Today at Manhattan Infidel I have the pleasure of interviewing a rare guest to our shores: the Psychrolutes marcidus (better known as the Blobfish).
MI: Good afternoon.
BF: Good afternoon, mate.
MI: So what should I call you? Psychrolutes? Blob?
BF: Blob will do.
MI: Let’s start out with what everyone wants to know. You were voted the worlds ugliest animal. How does that make you feel.
BF: Well as you can imagine I wasn’t pleased with it. I may be gelatinous but I have feelings. Yes I’m no Brad Pitt but the world’s ugliest animal? Uglier than Carrot Top?
MI: A valid point.
BF: I mean, I have a masters degree in 19th century English literature. I’m fluent in six languages. What more do women want?
MI: Probably someone who doesn’t look like a blobfish.
BF: That hurt.
MI: I’m sorry. I couldn’t resist.
BF: I just want to be loved. Is that so wrong?
MI: It is when you look like you do.
BF: Your non-deep water society is so obsessed with looks. And who determines what is beautiful and what is not? The patriarchy? That’s it isn’t it? I’m a victim!
MI: We’ll pass that by. So why do you live in deep water on the coast of Australia?
BF: Rent. The rent is very cheap down there.
MI: I see.
BF: Hey, I want to apologize for my patriarchy rant. Sometimes railing against the patriarchy gets me women. Usually ugly feminists but women nonetheless.
MI: What’s next for you?
BF: Plastic surgery.
MI: Really?
BF: Yes. My plastic surgeon assures me that he can make me look like Don Knotts in the Incredible Mr. Limpet.
Chicks dug that fish! They really did. I want some of Mr. Limpet’s action.
MI: Good luck to you on that. One last question. Did you kill Steve Irwin?
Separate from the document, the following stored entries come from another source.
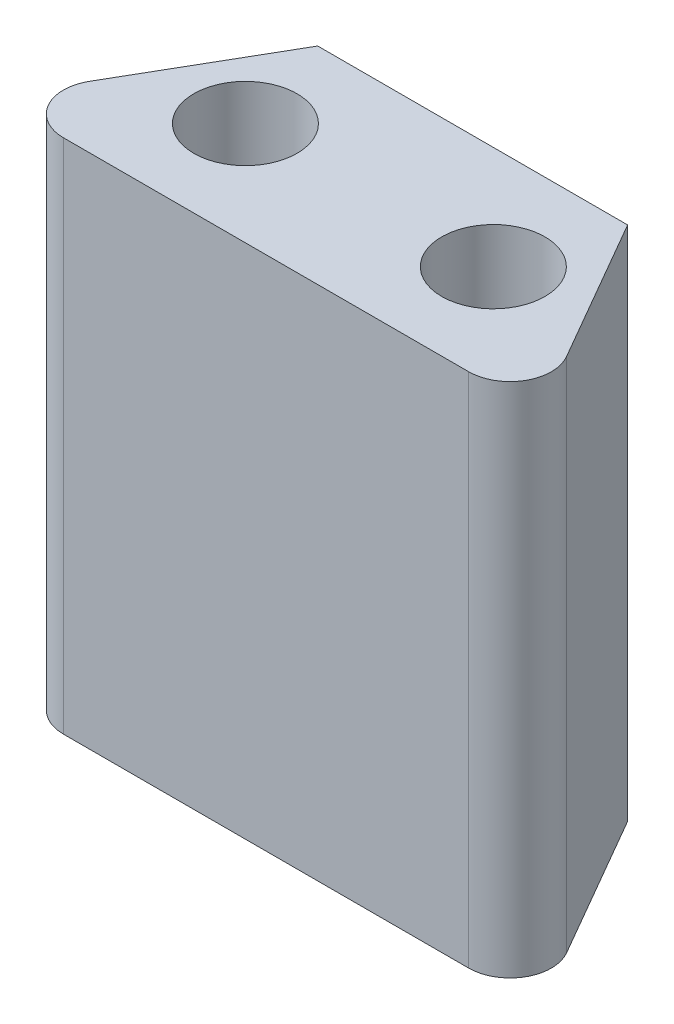
from build123d import *

# Parameters (mm, degrees)
BOSS_EXTRUDE1_DEPTH        = 12.5
SKETCH2_R                  = 2.5
CUT_EXTRUDE1_DEPTH         = 5
M3_TAPPED_HOLE1_D          = 2.5
M3_TAPPED_HOLE1_DEPTH      = 7.5
M3_TAPPED_HOLE1_TIP        = 0.751075774
F_3_2_3_2_DIAMETER_HOLE1_D = 3.2
SKETCH8_R                  = 3.3
CUT_EXTRUDE2_DEPTH         = 2


with BuildPart() as part:
    # Sketch1 → Boss-Extrude1 (new, symmetric)
    with BuildSketch(Plane(origin=(0, 0, 0), x_dir=(1, 0, 0), z_dir=(0, 1, 0))):
        with BuildLine():
            Line((3.464101615, 0), (23.082903769, 0))
            ThreePointArc((23.082903769, 0), (24.814954576, 1), (24.814954576, 3))
            Line((24.814954576, 3), (20.773502692, 10))
            Line((20.773502692, 10), (5.773502692, 10))
            Line((5.773502692, 10), (1.732050808, 3))
            ThreePointArc((1.732050808, 3), (1.732050808, 1), (3.464101615, 0))
        make_face()
    extrude(amount=BOSS_EXTRUDE1_DEPTH, both=True)

    # Sketch2 → Cut-Extrude1 (cut)
    with BuildSketch(Plane(origin=(0, 12.5, 0), x_dir=(1, 0, 0), z_dir=(0, 1, 0))):
        with Locations(Location((7.273502692, 5, 0), (0, 0, 270))):
            Circle(SKETCH2_R)
        with Locations(Location((19.273502692, 5, 0), (0, 0, 270))):
            Circle(SKETCH2_R)
    extrude(amount=-CUT_EXTRUDE1_DEPTH, mode=Mode.SUBTRACT)

    # M3 Tapped Hole1
    with Locations(Plane(origin=(0, 0, -10), x_dir=(-1, 0, 0), z_dir=(0, 0, -1))):
        with Locations((-13.273502692, -5), (-13.273502692, 5)):
            Hole(M3_TAPPED_HOLE1_D / 2, depth=M3_TAPPED_HOLE1_DEPTH)
            with Locations((0, 0, -(M3_TAPPED_HOLE1_DEPTH + M3_TAPPED_HOLE1_TIP / 2))):  # 118° drill point
                Cone(0, M3_TAPPED_HOLE1_D / 2, M3_TAPPED_HOLE1_TIP, mode=Mode.SUBTRACT)

    # Ø3.2 (3.2) Diameter Hole1 (through all)
    with Locations(Plane(origin=(0, 7.5, 0), x_dir=(-1, 0, 0), z_dir=(0, 1, 0))):
        with Locations((-19.273502692, -5), (-7.273502692, -5)):
            Hole(F_3_2_3_2_DIAMETER_HOLE1_D / 2)

    # Sketch8 → Cut-Extrude2 (cut)
    with BuildSketch(Plane.XZ.offset(12.5)):
        with Locations(Location((13.273502692, -5, 0), (0, 0, 270))):
            Circle(SKETCH8_R)
    extrude(amount=-CUT_EXTRUDE2_DEPTH, mode=Mode.SUBTRACT)


solid = part.part
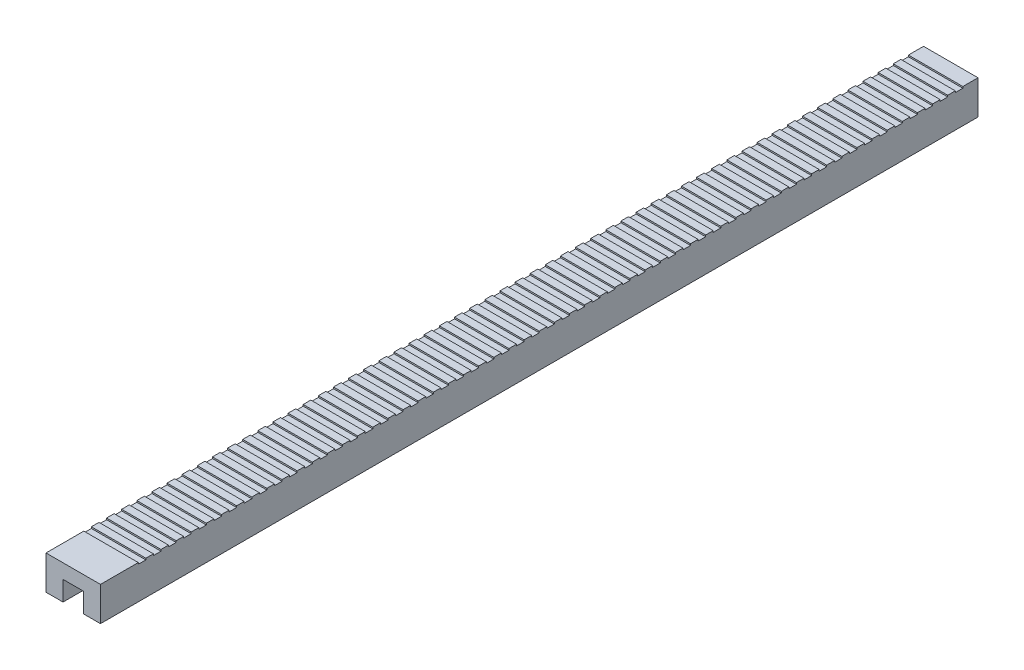
SolidWorks part; units mm, degrees
material "PE"
ref_plane "Front Plane" through (0, 0, 0) normal (0, 0, 1) x (1, 0, 0)
ref_plane "Top Plane" through (0, 0, 0) normal (0, 1, 0) x (1, 0, 0)
ref_plane "Right Plane" through (0, 0, 0) normal (1, 0, 0) x (0, 0, -1)
sketch "Sketch1" plane through (0, 0, 0) normal (0, 0, 1) x (1, 0, 0)
  line L0 (0, 22.5) -> (0, 3.5)
  line L1 (-36, 22.5) -> (36, 22.5)
  line L2 (-36, 22.5) -> (-36, -22.5)
  line L3 (-36, -22.5) -> (-13.5, -22.5)
  line L4 (36, 22.5) -> (36, -22.5)
  line L5 (-36, 22.5) -> (36, -22.5) construction
  line L6 (-36, -22.5) -> (36, 22.5) construction
  line L8 (-13.5, -22.5) -> (-13.5, 3.5)
  line L9 (-13.5, 3.5) -> (13.5, 3.5)
  line L10 (13.5, -22.5) -> (13.5, 3.5)
  line L11 (13.5, -22.5) -> (36, -22.5)
  point P0 (0, 0)
  dimension "D1" = 72
  dimension "D2" = 45
  dimension "D3" = 27
  dimension "D4" = 19
extrude "Boss-Extrude1" add sketch "Sketch1" along normal blind 1160 contours L8 L9 L0 L1 L2 L3 | L10 L11 L4 L1 L0 L9
sketch "Sketch2" plane through (0, 22.5, 0) normal (0, 1, 0) x (1, 0, 0)
  line L0 (-36, -1160) -> (-36, 0) construction
  line L1 (-36, -20) -> (36, -20)
  line L2 (-36, -20) -> (-36, -30)
  line L3 (-36, -30) -> (36, -30)
  line L4 (36, -20) -> (36, -30)
  line L5 (36, -1160) -> (36, 0) construction
  line L6 (-36, 0) -> (36, 0) construction
  dimension "D1" = 20
  dimension "D2" = 10
extrude "Cut-Extrude1" cut sketch "Sketch2" against normal blind 2
pattern_linear "LPattern1" count 55 spacing 20 along (0, 0, 1) of "Cut-Extrude1"
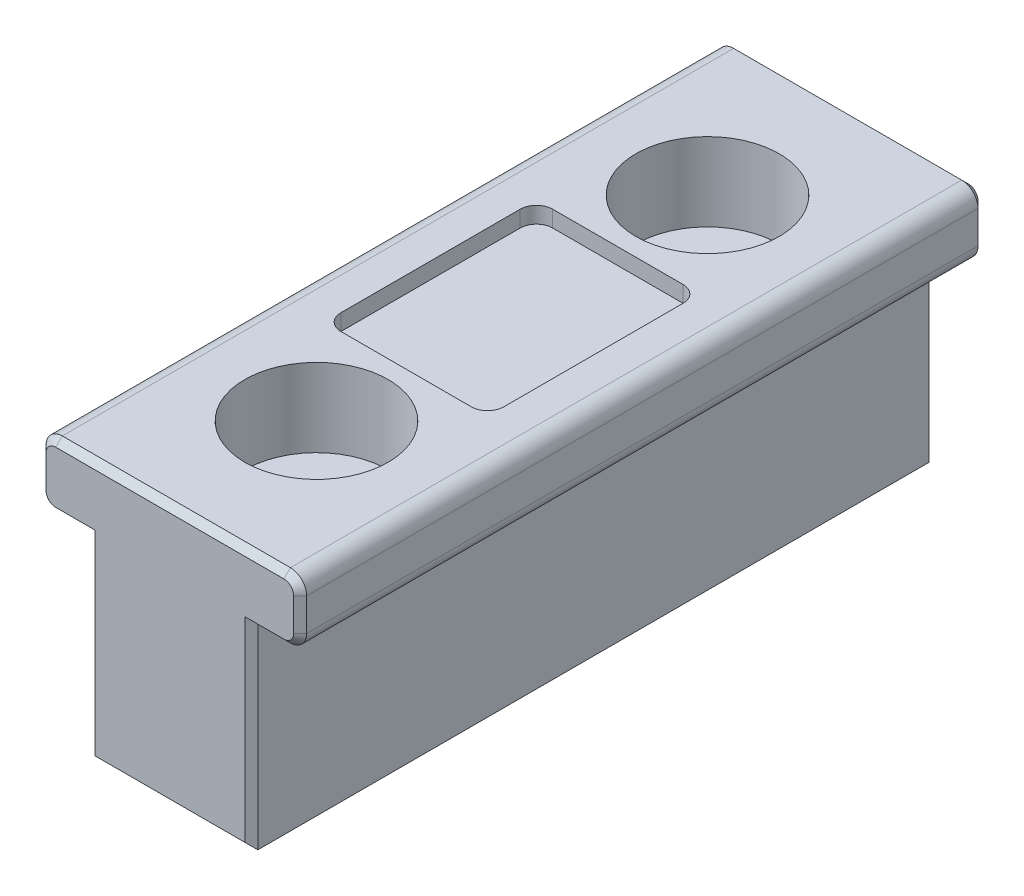
SolidWorks part; units mm, degrees
material "S136H"
ref_plane "Front Plane" through (0, 0, 0) normal (0, 0, 1) x (1, 0, 0)
ref_plane "Top Plane" through (0, 0, 0) normal (0, 1, 0) x (1, 0, 0)
ref_plane "Right Plane" through (0, 0, 0) normal (1, 0, 0) x (0, 0, -1)
sketch "Sketch1" plane through (0, 0, 0) normal (0, 0, 1) x (1, 0, 0)
  line L1 (-4, 4) -> (4, 4)
  line L2 (-4, 4) -> (-4, -4)
  line L3 (-4, -4) -> (4, -4)
  line L4 (4, 4) -> (4, -4)
  line L5 (-4, 4) -> (4, -4) construction
  line L6 (-4, -4) -> (4, 4) construction
  point P0 (0, 0)
  dimension "D1" = 8
  dimension "D2" = 8
extrude "Boss-Extrude1" add sketch "Sketch1" along normal blind 21
sketch "Sketch2" plane through (0, 0, 21) normal (0, 0, 1) x (1, 0, 0)
  line L1 (-4, -4) -> (-2.5, -4)
  line L2 (-4, -4) -> (-4, 2)
  line L3 (-4, 2) -> (-2.5, 2)
  line L4 (-2.5, -4) -> (-2.5, 2)
  line L5 (4, -4) -> (2.5, -4)
  line L6 (4, -4) -> (4, 2)
  line L7 (4, 2) -> (2.5, 2)
  line L8 (2.5, -4) -> (2.5, 2)
  dimension "D1" = 1.5
  dimension "D2" = 1.5
  dimension "D3" = 6
  dimension "D4" = 6
extrude "Cut-Extrude1" cut sketch "Sketch2" against normal through all
fillet "Fillet1" radius 0.5 4 edges at (4, 4, 10.5) (4, 2, 10.5) (-4, 4, 10.5) (-4, 2, 10.5)
hole_wizard "CBORE for M2 Hex Socket Head Cap Screw1" positions "Sketch6" profile "Sketch5" counterbore size "M2" standard "ISO" end condition through all
sketch "Sketch6" plane through (0, 4, 0) normal (0, 1, 0) x (1, 0, 0)
  line L0 (3.5, 0) -> (-3.5, 0) construction
  line L1 (3.5, -21) -> (-3.5, -21) construction
  point P0 (0, -4.5)
  point P2 (0, -16.5)
  dimension "D1" = 4.5
  dimension "D2" = 4.5
sketch "Sketch5" plane through (0, 4, 4.5) normal (1, 0, 0) x (0, 0, 1)
  line L0 (0, 0) -> (0, 8)
  line L1 (0, 8) -> (1.2, 8)
  line L3 (1.2, 8) -> (1.2, 2.4)
  line L4 (1.2, 2.4) -> (2.2, 2.4)
  line L5 (2.2, 2.4) -> (2.2, 0)
  line L7 (2.2, 0) -> (0, 0)
  line L11 (0, -6.35) -> (0, 107.95) construction
  dimension "通孔孔直径" = 2.4
  dimension "通孔孔深度" = 8
  dimension "柱形沉头孔直径" = 4.4
  dimension "柱形沉头孔深度" = 2.4
chamfer "Chamfer1" distance 0.2 angle 45 24 edges at (-3.8536, 3.8536, 0) (-4, 3, 0) (-3.8536, 2.1464, 0) (-3, 2, 0) (-2.5, -1, 0) (0, -4, 0) (2.5, -1, 0) (3, 2, 0) (3.8536, 2.1464, 0) (4, 3, 0) (3.8536, 3.8536, 0) (0, 4, 0) (3.8536, 2.1464, 21) (3, 2, 21) (2.5, -1, 21) (0, -4, 21) (-2.5, -1, 21) (-3, 2, 21) (-3.8536, 2.1464, 21) (-4, 3, 21) (-3.8536, 3.8536, 21) (0, 4, 21) (3.8536, 3.8536, 21) (4, 3, 21)
sketch "Sketch7" plane through (0, 4, 0) normal (0, 1, 0) x (1, 0, 0)
  line L0 (0, -0.2) -> (0, -20.8) construction
  line L1 (3.5, -0.2) -> (-3.5, -0.2) construction
  line L2 (-3.5, -20.8) -> (3.5, -20.8) construction
  line L4 (-2.5, -13.75) -> (2.5, -13.75)
  line L5 (-2.5, -13.75) -> (-2.5, -7.25)
  line L6 (-2.5, -7.25) -> (2.5, -7.25)
  line L7 (2.5, -13.75) -> (2.5, -7.25)
  line L8 (-2.5, -13.75) -> (2.5, -7.25) construction
  line L9 (-2.5, -7.25) -> (2.5, -13.75) construction
  point P6 (0, -10.5)
  dimension "D1" = 5
  dimension "D2" = 6.5
extrude "Cut-Extrude2" cut sketch "Sketch7" against normal blind 0.5
fillet "Fillet2" radius 0.5 4 edges at (-2.5, 3.75, 13.75) (2.5, 3.75, 13.75) (2.5, 3.75, 7.25) (-2.5, 3.75, 7.25)
equation "\"code1\"= \"图名分离代码\""
equation "\"code2\"= \"图号分离代码\""
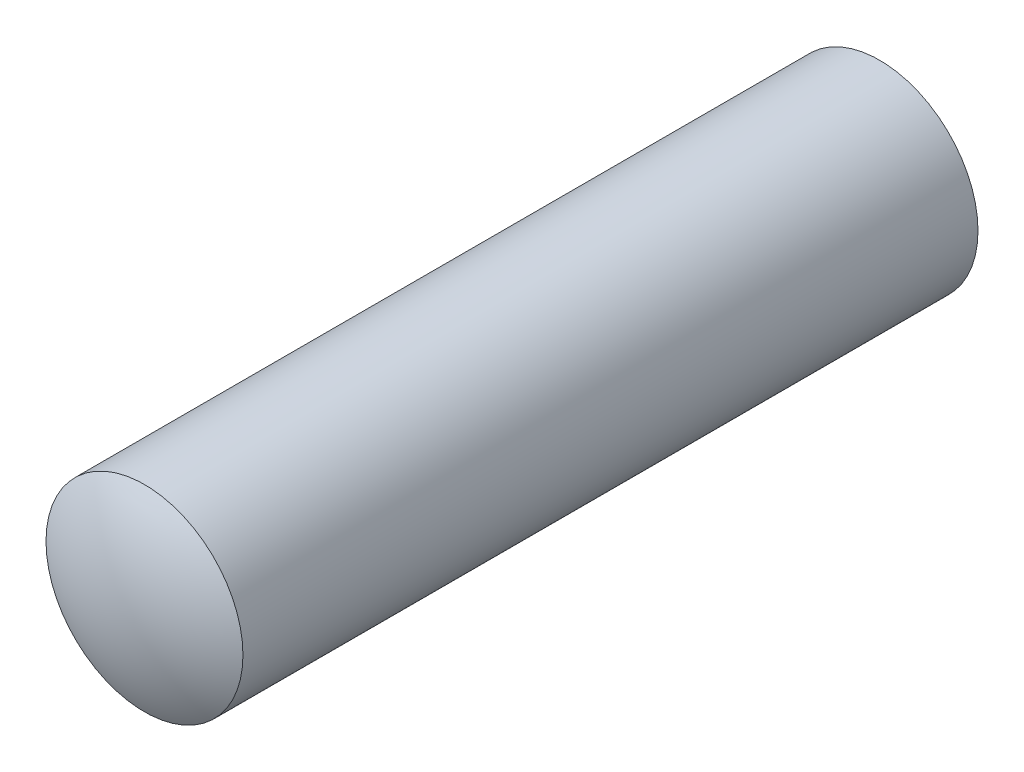
SolidWorks part; units mm, degrees
ref_plane "Front" through (0, 0, 0) normal (0, 0, 1) x (1, 0, 0)
ref_plane "Top" through (0, 0, 0) normal (0, 1, 0) x (1, 0, 0)
ref_plane "Right" through (0, 0, 0) normal (1, 0, 0) x (0, 0, -1)
sketch "Logo3_Revol_Axis" plane through (0, 0, 0) normal (0, 1, 0) x (1, 0, 0)
  line L0 (0, -30.1653) -> (0, 30.1653) construction
sketch "Logo3_bib1" plane through (0, 0, 0) normal (0, -1, 0) x (-1, 0, 0)
  line L0 (0, 8) -> (0, -8)
  line L1 (2, 7.4641) -> (2, -7.4641)
  line L10 (0, 47.5372) -> (0, -34.1764) construction
  arc A0 (2, 7.4641) -> (0, 8) centre (0, 4) ccw
  arc A1 (0, -8) -> (2, -7.4641) centre (0, -4) ccw
revolve "Revolve1" add sketch "Logo3_bib1" angle 360 about L10
equation "\"ray2@XZQB7_bib1\" = \"XZQB7_d1@XZQB7_bib1\""
equation "\"Ray1@XZQB7_bib1\" = \"XZQB7_d1@XZQB7_bib1\""
equation "\"dia1@XZQB7_bib1\" = \"XZQB7_d1@XZQB7_bib1\"/2"
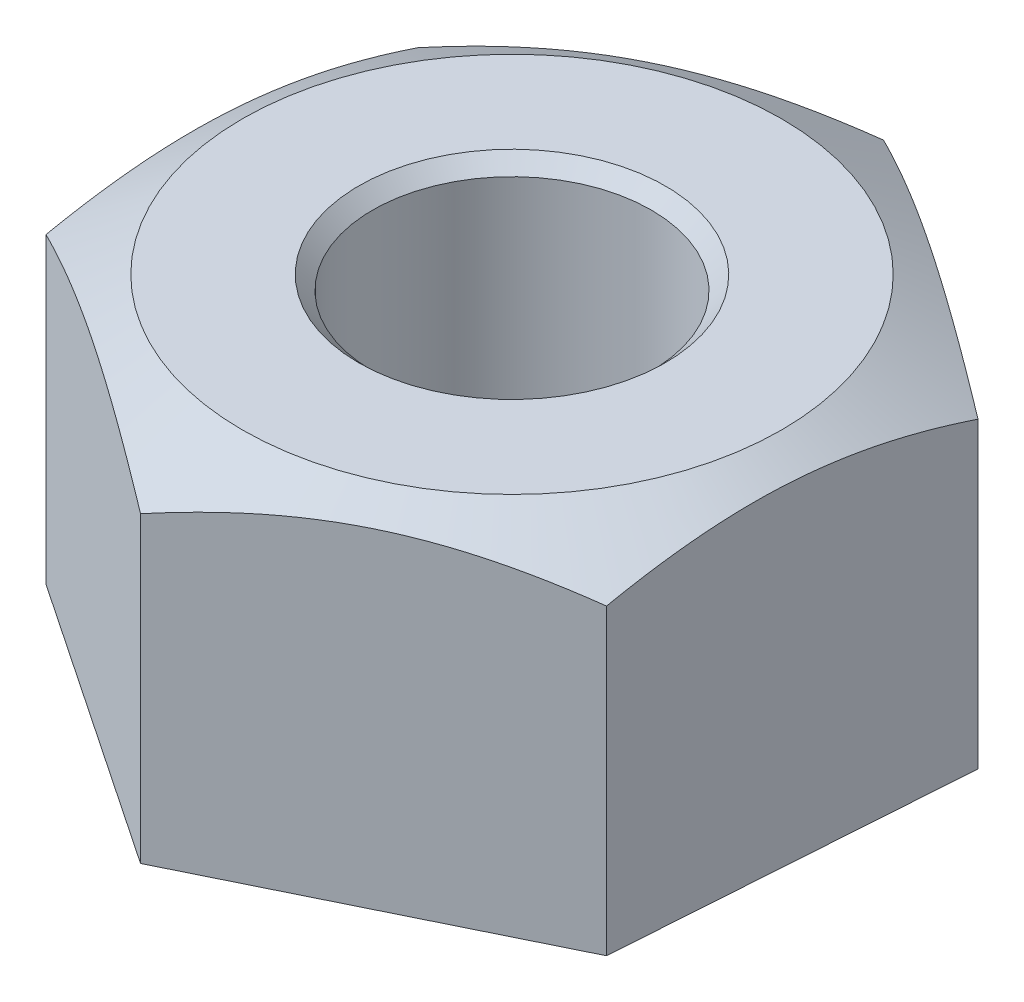
from build123d import *

# Parameters (mm, degrees)
SKETCH1_R           = 2
BOSS_EXTRUDE1_DEPTH = 5
SKETCH8_OUTSIDE_W   = 31.17
SKETCH8_OUTSIDE_H   = 32.162
SKETCH8_OUTSIDE_R   = 3.869068986
CUT_EXTRUDE1_DEPTH  = 5
CUT_EXTRUDE1_DRAFT  = -60
CHAMFER1_SIZE       = 0.2
CHAMFER2_SIZE       = 0.2


with BuildPart() as part:
    # Sketch1 → Boss-Extrude1 (new body)
    with BuildSketch(Plane(origin=(0, 0, 0), x_dir=(1, 0, 0), z_dir=(0, 1, 0))):
        Polygon((4.148216558, -2.791469037), (4.491591379, 2.196726401), (0.343374821, 4.988195438), (-4.148216558, 2.791469037), (-4.491591379, -2.196726401), (-0.343374821, -4.988195438), align=None)
        with Locations(Location((0, 0, 0), (0, 0, 270))):
            Circle(SKETCH1_R, mode=Mode.SUBTRACT)
    extrude(amount=BOSS_EXTRUDE1_DEPTH)


with BuildPart() as cut_extrude1_tool:
    # Sketch8 outside → Cut-Extrude1 (with draft: the straight prism first)
    with BuildSketch(Plane(origin=(0, 5, 0), x_dir=(1, 0, 0), z_dir=(0, 1, 0))):
        Rectangle(SKETCH8_OUTSIDE_W, SKETCH8_OUTSIDE_H)
        Circle(SKETCH8_OUTSIDE_R, mode=Mode.SUBTRACT)
    extrude(amount=-CUT_EXTRUDE1_DEPTH)
    # Cut-Extrude1: the draft: its side faces are tilted about the plane it starts from
    cut_extrude1_sides = [cut_extrude1_tool.faces().sort_by_distance(p)[0] for p in [
        (0, 2.5, 16.081),
        (15.585, 2.5, 0),
        (0, 2.5, -16.081),
        (-15.585, 2.5, 0),
        (-3.869068986, 2.5, 0),
    ]]
    draft(cut_extrude1_sides, Plane(origin=(0, 5, 0), x_dir=(1, 0, 0), z_dir=(0, 1, 0)), CUT_EXTRUDE1_DRAFT)


with BuildPart() as part_1:
    add(part.part)

    # Cut-Extrude1: cut by cut_extrude1_tool
    add(cut_extrude1_tool.part, mode=Mode.SUBTRACT)

    # Chamfer1
    chamfer1_edges = [part_1.edges().sort_by_distance(p)[0] for p in [
        (0, 5, -2),
    ]]
    chamfer(chamfer1_edges, length=CHAMFER1_SIZE)

    # Chamfer2
    chamfer2_edges = [part_1.edges().sort_by_distance(p)[0] for p in [
        (0, 0, -2),
    ]]
    chamfer(chamfer2_edges, length=CHAMFER2_SIZE)


solid = part_1.part

BF: Yes. It’s time I came clean. I killed him.
MI: Why?
BF: In the deep ocean we blobfish have a saying: Throw another Steve Irwin on the barbie.
MI: I see. Well that’s about all the time we have.
BF: Hey, Manhattan Infidel. Can you do me a favor?
MI: Sure. Anything.
BF: Can you introduce me to Olivia Wilde?
MI: What?
BF: Olivia Wilde. She’s hot. I want her.
MI: I’ll pretend I didn’t hear that. I’m going to close this interview now before I put you on the barbie!
BF: Typical of the patriarchy. They want to keep their women to themselves.
MI: Leave Olivia Wilde out of this or else!
BF: Or else what?
[Manhattan Infidel punches the blobfish in the face]
BF: Go ahead. Punch me. I can take it. It’s like punching Jello-O. We always win.
MI: Sorry man. I just get a little defensive when her name is mentioned.
And so my interview ended with the Blobfish. Ladies and gentlemen, if you see a blobfish be nice to him. Even blobfishes need love. As long as it’s not Olivia Wilde.